Engineering Contradictions & Design Principles
Engineering Contradiction Analysis
1Measurement precision
If manual detection and supervision methods are used to handle brand theft, then brand theft cases can be detected and managed, but the process becomes time-consuming and costly
Solution Approach 1:
The patent replaces manual mechanical detection methods with an automated computer-based system that uses crawlers to scrape e-commerce data, NLP models to analyze text content, and image recognition models to detect brand logos and trademarks. This substitution of mechanical human labor with automated computational systems resolves the contradiction by maintaining detection accuracy while dramatically reducing the time required for brand theft surveillance.
Solution Approach 2:
The system enables self-service detection by automatically crawling e-commerce platforms, parsing product information, analyzing images and text for brand infringement, and generating detection reports without requiring continuous manual intervention.
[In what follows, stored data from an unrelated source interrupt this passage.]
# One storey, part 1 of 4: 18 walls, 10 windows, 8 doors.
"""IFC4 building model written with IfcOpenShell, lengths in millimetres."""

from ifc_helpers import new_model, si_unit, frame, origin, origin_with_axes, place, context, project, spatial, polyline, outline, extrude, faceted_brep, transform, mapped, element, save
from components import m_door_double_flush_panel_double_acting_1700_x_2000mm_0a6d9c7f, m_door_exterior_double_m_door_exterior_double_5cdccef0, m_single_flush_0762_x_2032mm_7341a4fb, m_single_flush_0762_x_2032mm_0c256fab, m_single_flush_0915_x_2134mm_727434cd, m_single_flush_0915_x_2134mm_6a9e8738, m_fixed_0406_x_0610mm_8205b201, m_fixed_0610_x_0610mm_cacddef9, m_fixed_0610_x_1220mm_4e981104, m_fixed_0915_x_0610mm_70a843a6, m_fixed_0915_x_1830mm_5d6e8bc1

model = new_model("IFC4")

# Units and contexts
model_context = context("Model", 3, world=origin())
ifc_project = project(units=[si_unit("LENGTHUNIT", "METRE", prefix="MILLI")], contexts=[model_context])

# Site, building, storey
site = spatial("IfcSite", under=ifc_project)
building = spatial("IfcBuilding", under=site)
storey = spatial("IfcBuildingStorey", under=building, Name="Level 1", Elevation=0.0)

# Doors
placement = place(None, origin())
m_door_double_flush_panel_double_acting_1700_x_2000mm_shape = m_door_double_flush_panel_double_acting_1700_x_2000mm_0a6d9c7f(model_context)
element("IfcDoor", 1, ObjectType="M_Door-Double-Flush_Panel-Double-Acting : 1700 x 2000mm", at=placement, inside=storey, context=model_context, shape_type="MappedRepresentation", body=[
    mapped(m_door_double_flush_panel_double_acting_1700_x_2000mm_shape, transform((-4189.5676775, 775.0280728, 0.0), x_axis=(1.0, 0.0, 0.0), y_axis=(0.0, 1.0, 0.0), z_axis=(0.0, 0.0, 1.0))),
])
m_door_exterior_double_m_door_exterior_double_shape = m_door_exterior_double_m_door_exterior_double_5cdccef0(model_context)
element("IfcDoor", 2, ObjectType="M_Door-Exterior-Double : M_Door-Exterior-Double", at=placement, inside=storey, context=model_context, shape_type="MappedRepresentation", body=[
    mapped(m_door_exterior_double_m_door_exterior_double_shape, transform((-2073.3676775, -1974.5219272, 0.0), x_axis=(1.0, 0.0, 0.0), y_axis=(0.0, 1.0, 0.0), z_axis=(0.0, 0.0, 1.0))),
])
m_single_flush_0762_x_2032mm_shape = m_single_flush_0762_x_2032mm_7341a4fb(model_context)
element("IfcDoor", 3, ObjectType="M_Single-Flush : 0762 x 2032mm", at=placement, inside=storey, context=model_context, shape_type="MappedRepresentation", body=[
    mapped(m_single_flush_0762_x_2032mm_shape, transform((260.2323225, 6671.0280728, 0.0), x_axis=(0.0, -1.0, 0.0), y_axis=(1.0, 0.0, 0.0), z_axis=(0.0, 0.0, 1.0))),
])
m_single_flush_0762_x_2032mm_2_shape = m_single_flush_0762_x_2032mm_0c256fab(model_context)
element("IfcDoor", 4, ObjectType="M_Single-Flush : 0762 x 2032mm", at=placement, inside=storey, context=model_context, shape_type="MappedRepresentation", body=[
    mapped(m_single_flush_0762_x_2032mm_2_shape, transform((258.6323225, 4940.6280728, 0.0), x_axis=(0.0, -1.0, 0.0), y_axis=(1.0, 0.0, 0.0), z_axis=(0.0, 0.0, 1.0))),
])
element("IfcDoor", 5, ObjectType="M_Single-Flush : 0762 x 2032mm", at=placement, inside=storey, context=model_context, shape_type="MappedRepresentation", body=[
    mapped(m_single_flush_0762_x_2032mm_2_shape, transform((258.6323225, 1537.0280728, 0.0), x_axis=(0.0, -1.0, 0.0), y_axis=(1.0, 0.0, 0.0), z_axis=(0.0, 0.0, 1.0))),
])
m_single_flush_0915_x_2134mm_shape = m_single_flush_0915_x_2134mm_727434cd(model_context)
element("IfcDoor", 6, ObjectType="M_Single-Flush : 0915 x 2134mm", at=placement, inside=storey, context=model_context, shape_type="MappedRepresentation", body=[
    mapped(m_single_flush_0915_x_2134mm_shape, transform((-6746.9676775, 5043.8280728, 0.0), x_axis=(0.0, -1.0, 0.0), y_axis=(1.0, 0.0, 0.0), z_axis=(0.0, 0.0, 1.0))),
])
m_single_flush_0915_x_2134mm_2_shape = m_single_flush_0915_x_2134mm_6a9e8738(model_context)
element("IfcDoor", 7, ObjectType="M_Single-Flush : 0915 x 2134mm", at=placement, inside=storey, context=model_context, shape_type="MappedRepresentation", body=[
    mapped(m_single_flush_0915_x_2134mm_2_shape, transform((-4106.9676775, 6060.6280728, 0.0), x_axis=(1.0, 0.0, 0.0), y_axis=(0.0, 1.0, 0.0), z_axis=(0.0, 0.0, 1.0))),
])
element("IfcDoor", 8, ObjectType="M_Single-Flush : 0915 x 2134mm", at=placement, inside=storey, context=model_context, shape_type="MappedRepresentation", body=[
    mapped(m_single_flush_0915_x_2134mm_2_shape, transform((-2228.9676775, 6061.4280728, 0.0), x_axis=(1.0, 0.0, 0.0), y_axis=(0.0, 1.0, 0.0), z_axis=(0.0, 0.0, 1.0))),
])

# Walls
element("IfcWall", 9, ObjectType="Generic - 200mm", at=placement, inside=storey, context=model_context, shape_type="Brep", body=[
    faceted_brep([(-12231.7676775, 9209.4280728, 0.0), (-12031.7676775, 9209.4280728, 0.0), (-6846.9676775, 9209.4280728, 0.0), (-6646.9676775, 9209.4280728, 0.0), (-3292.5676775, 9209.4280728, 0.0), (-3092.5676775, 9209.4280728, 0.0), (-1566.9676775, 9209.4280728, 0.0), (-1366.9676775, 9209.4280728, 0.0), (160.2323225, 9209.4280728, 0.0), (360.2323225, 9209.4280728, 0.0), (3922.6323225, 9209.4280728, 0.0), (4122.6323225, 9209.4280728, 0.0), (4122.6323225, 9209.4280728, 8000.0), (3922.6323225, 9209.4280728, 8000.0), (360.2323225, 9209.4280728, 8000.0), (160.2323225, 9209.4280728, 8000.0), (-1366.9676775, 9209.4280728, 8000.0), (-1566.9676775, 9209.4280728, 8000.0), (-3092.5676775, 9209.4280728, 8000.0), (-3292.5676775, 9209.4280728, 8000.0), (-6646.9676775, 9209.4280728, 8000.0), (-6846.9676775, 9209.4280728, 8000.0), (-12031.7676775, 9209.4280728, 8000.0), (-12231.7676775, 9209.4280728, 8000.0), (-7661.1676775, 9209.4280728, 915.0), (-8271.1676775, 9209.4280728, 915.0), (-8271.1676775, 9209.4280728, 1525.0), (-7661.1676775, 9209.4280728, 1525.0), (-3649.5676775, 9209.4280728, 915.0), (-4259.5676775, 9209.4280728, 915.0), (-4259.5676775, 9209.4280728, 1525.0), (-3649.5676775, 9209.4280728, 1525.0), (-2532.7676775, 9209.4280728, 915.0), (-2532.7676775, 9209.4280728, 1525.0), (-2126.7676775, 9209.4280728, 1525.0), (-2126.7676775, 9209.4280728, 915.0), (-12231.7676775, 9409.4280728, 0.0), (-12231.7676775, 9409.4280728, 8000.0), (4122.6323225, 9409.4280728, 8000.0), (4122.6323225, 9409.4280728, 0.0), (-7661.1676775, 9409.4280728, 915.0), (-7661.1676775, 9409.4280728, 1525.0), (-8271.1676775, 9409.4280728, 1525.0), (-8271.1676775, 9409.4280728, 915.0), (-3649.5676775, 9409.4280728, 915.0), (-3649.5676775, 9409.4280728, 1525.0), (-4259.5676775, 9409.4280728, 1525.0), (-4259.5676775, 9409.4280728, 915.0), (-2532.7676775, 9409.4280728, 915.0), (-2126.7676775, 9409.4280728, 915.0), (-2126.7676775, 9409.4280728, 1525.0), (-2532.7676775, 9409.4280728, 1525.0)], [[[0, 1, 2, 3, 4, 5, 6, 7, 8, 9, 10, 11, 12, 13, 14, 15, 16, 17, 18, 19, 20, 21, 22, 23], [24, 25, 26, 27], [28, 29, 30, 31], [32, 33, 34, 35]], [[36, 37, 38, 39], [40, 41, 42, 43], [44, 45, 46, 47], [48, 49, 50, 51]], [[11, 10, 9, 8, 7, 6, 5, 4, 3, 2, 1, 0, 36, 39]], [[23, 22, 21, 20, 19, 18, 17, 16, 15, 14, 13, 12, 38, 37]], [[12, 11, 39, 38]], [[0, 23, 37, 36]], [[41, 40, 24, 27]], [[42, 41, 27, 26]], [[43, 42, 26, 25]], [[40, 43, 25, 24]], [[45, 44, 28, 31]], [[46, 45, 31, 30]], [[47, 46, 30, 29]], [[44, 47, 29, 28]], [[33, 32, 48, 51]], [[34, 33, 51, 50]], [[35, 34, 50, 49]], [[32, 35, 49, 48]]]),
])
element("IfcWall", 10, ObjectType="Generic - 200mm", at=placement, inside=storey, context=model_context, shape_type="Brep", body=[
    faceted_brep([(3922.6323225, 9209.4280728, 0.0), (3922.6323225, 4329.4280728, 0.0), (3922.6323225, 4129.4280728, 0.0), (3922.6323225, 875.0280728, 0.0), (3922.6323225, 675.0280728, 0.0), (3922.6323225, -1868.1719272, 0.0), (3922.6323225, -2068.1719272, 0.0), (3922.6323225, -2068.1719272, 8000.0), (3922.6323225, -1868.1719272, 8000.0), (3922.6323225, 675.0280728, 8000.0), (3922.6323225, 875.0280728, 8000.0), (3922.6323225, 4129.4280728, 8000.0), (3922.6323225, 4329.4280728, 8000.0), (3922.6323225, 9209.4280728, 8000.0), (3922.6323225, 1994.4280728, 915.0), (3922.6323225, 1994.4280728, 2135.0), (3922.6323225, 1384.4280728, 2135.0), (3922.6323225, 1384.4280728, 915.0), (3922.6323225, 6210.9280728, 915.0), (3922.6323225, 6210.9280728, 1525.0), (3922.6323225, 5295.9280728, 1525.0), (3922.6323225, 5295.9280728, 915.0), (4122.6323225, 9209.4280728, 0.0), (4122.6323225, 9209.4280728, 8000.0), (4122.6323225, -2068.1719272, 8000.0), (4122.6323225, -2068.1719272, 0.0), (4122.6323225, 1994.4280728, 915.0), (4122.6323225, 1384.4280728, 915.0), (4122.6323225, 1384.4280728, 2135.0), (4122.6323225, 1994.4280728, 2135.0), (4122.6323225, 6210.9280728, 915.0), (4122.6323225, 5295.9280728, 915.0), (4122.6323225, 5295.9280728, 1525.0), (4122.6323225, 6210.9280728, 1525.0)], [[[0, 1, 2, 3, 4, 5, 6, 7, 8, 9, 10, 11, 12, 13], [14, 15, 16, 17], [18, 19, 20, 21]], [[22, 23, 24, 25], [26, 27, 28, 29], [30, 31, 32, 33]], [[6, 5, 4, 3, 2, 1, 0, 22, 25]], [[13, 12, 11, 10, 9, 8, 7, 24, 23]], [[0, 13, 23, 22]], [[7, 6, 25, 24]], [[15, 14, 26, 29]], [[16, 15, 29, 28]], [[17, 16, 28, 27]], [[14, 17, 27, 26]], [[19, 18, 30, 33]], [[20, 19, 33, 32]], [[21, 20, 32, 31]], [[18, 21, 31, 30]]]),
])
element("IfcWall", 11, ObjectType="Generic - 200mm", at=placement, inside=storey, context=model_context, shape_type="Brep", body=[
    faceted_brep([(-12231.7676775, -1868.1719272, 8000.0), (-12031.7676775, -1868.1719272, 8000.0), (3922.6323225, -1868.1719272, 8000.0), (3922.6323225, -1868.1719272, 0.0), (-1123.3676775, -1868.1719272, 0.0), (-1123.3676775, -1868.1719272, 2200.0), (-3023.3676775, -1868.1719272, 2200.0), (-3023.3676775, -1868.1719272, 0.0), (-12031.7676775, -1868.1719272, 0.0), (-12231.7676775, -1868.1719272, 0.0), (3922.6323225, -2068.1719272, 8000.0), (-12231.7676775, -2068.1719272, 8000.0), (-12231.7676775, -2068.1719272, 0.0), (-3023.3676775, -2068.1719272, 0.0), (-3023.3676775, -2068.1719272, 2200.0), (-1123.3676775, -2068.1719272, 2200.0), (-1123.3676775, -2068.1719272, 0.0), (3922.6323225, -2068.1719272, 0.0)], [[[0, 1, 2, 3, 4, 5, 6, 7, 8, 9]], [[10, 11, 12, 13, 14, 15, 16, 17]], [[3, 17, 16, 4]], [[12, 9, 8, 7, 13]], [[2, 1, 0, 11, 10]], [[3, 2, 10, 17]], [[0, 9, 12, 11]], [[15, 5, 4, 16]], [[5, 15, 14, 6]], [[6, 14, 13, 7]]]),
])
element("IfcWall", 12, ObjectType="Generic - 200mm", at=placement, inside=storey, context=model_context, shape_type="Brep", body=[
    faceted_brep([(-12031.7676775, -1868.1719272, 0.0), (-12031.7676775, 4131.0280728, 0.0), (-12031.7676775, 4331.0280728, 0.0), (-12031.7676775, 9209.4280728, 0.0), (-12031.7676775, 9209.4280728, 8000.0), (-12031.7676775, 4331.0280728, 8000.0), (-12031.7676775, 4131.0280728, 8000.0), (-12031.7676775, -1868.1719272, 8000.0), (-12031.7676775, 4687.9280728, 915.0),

The automated pipeline performs detection, analysis, and reporting functions independently, resolving the time loss issue while preserving detection capability.
2Reliability
If manual detection methods are used to supervise brand theft products, then brand theft can be detected, but the cost of manual supervision increases
Solution Approach 1:
The patent replaces costly manual supervision with automated computational resources. The system uses computer-based crawlers, NLP models for text analysis, and image recognition models to reliably detect brand theft products across e-commerce platforms without incurring ongoing manual labor costs, thus maintaining reliability while reducing energy loss in the form of supervision costs.
Solution Approach 2:
The system creates digital copies of brand assets (logos, trademarks, product images) and compares them against e-commerce listings through automated image recognition and text analysis. This copying and comparison approach enables reliable detection of brand theft products at minimal cost by using computational algorithms rather than manual review processes.
3Productivity
If conventional brand theft detection methods are used, then some brand theft cases can be identified, but sophisticated brand theft techniques evade detection
Solution Approach 1:
The patent implements a multi-functional detection system that simultaneously analyzes multiple data types including product titles, descriptions, images, and seller information using different specialized models (NLP for text, image recognition for visuals). This universal approach capable of handling various brand theft techniques maintains both high productivity and accuracy by adapting different analysis methods to different infringement patterns.
Solution Approach 2:
The system combines multiple detection technologies (crawling, NLP, image recognition, data analysis) into a composite detection framework. This composite approach integrates different analytical capabilities to detect sophisticated brand theft techniques that single-method systems would miss, thereby maintaining both efficiency and accuracy simultaneously.
Data Source
AI summary
A method of detecting a brand theft according to an embodiment of the present disclosure includes: acquiring protected object data related to a brand to be protected, the protected object data including brand character data and brand logo image data related to a brand, and CDN keyword data indicating a source in which the brand logo image data is stored; acquiring crawled data by crawling an e-commerce web page; parsing the crawled data to acquire first data corresponding to a title or content of the web page, second data corresponding to an image, and third data related to a source of the image; analyzing each of the first data, the second data, and the third data to detect whether the protected object data is included in the crawled data for the web page; and monitoring e-commerce websites based on the detection result.